For the last 250 years, the United States, Great Britain, and most of the developed world have been guided by the principles of liberalism (John Locke, David Hume, Adam Smith, etc.) — that free markets, free people (freedom of speech, freedom of assembly, freedom of religion, etc.), and free and fair elections lead to better decisions over the long run than governance by a handful of elites (monarchs, lords, barons, experts, bureaucrats, etc.). 

That’s self-evidently true — a million, or 330 million, or better yet, 8 billion people all using their creativity and ingenuity to solve problems are always going to come up with better ideas over the long run than even the most clever elites. 

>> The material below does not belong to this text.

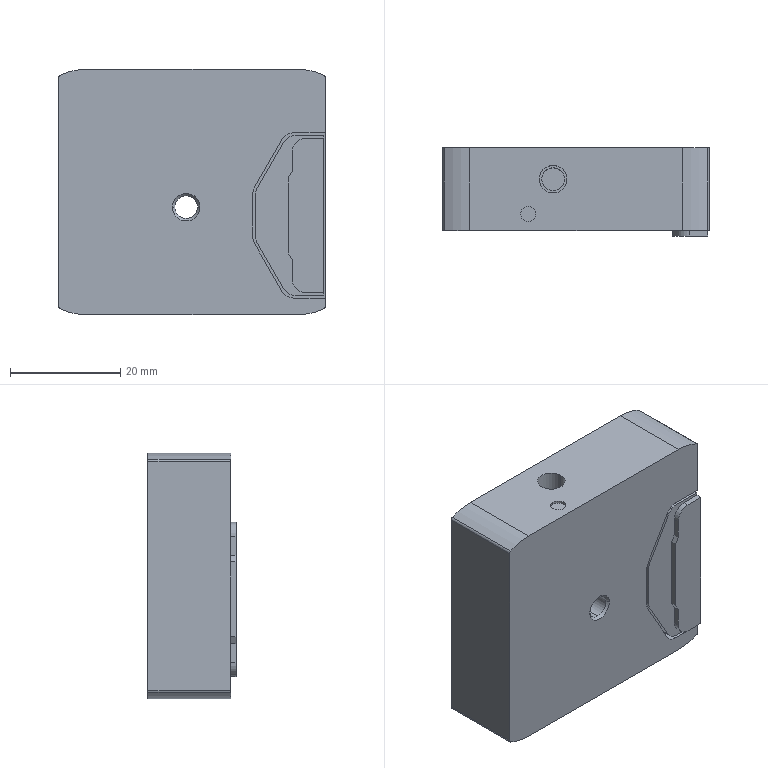Component | SolidWorks | DGC-18-280-G-PPV-A-1_HI_532446 DGC-18-G---(0DL)_1-1 | 1 solid | 104 faces | volume 31056 mm3 | cylinder 46 | plane 44 | cone 14 | commonest cylinder face diameters 5 x14 2 x10 3.242 x6 4.134 x4 21.6 x4 1 x4 2.8 x2 4.2 x2
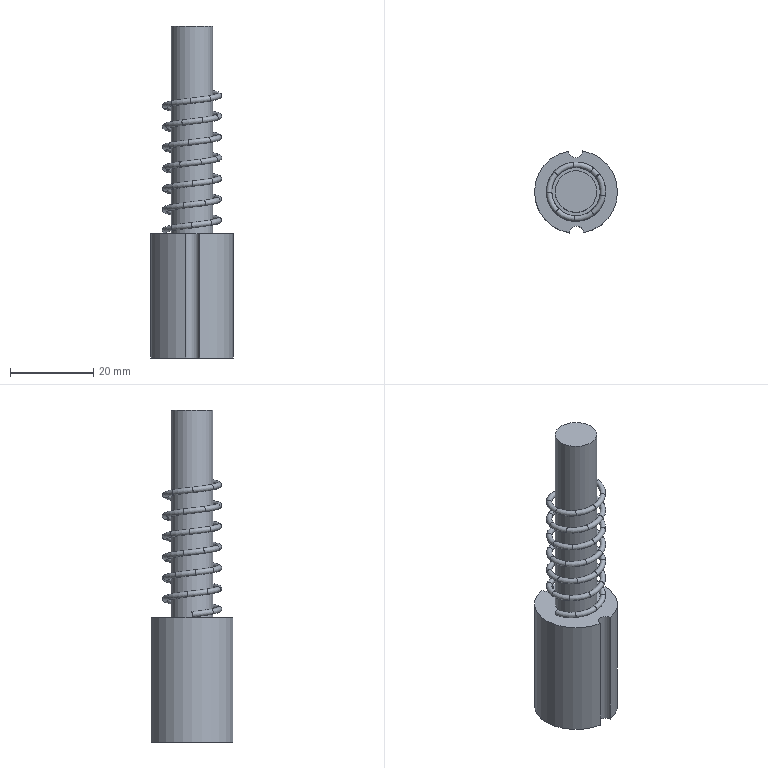Component | NX | PUNCH | 2 solids | 66 faces | volume 13434 mm3 | torus 56 | plane 5 | cylinder 5 | commonest cylinder face diameters 20 x2 3.5 x2 10 x1

(For more on this see The Wisdom of Crowds by James Surowiecki — the book is brilliant even though Surowiecki has since turned into a vile Branch Covidian). 

But then in the early 1900s progressives came along and said, ‘Now hold on. Markets sometimes produce wondrous things. But they also produce endless booms and busts, horrors like adulterated meat, and deadly externalities including pollution. What is more, the much-lauded competition in the marketplace does not stay a competition for very long. Some firm eventually wins and when it does, it starts buying up its competitors and other sectors of the economy and we’re left with oligopolies and monopolies controlled by robber barons. And that’s the opposite of freedom.’

Progressives were right about that. So they proposed anti-trust to break up monopolies and the regulatory state to set certain minimum standards for foods, medicines, workplace safety, etc., and limits on factory pollution. And for the most part, society agreed. 

So the system that we’ve lived under for the last century has been Liberalism + Progressivism = free markets, free people, and somewhat free and fair elections plus anti-trust to prevent concentrations of market power and regulation to smooth out the business cycles and mitigate the worst downsides of capitalism. 

But then something very strange happened. The regulatory state became predatory. The regulatory state figured out that they could collude with big business to enjoy the benefits of monopoly. This is much worse than regulatory capture. This is a modern form of fascism — without racism, nationalism, or even militarism (which makes it even more lethal and efficient than the German or Italian forms of fascism that we study in the history books). The state and the managers of capital now work together to amass wealth for themselves at the expense of society — under the guise of pandemics and public health. 

So the ENORMOUS problem that we now face is that both liberalism and progressivism have failed. Free markets created concentrated power that became predatory and genocidal AND the regulatory state created concentrated power that became predatory and genocidal and now the largest firms and the state have merged into one entity. 

(Communism and socialism failed too because societies run by an expert vanguard are a disaster, but you already knew that.)

THAT’S why everyone is walking around dazed and confused — there is no central organizing thesis of society that makes sense anymore. 

The three proposed reforms on offer are all nonstarters: 

Conservatives like Patrick Deneen want a return to virtue. If a return to virtue was going to work it would have already worked by now. Also, most old school academic conservatives have nothing to say about the rise of the biowarfare industrial complex (they don’t even know what that is) and so they are useless in the current fight. 

Classic economic liberals want a return to liberalism. It’s not at all clear (to me at least) how we get from our current state of genocidal monopoly capitalism back to an era of yeoman craftspeople and it’s not at all clear how, even if we could get there, we wouldn’t just end up with monopoly capitalism all over again. 

The modern left is so completely addled by too many vaccines that they just want the regulatory state to genocide harder. Said differently, the modern left fully embraces fascism and is not even proposing alternatives. 

So that’s where we’re at. Conservatism, classical liberalism, and progressivism lie in smoldering ruins. Monopoly capitalism and the progressive regulatory state rule like global warlords censoring anyone who thinks for themselves, jailing political opponents, and maiming and killing people in large numbers with toxic injections. 

Our society is now a strange hybrid of the Middle Ages, the Third Reich, and Brave New World. We have two classes — lords and peasants; we are in the midst of a very profitable genocide; and it’s all infused with surveillance technology, mind-altering drugs, and wall-to-wall propaganda. 

The urgent task for the Resistance is to define a political economy that addresses the failures of conservatism, liberalism, and progressivism while charting a way forward that destroys fascism and restores freedom and human flourishing. That’s the conversation that we need to have all day every day until we figure this out.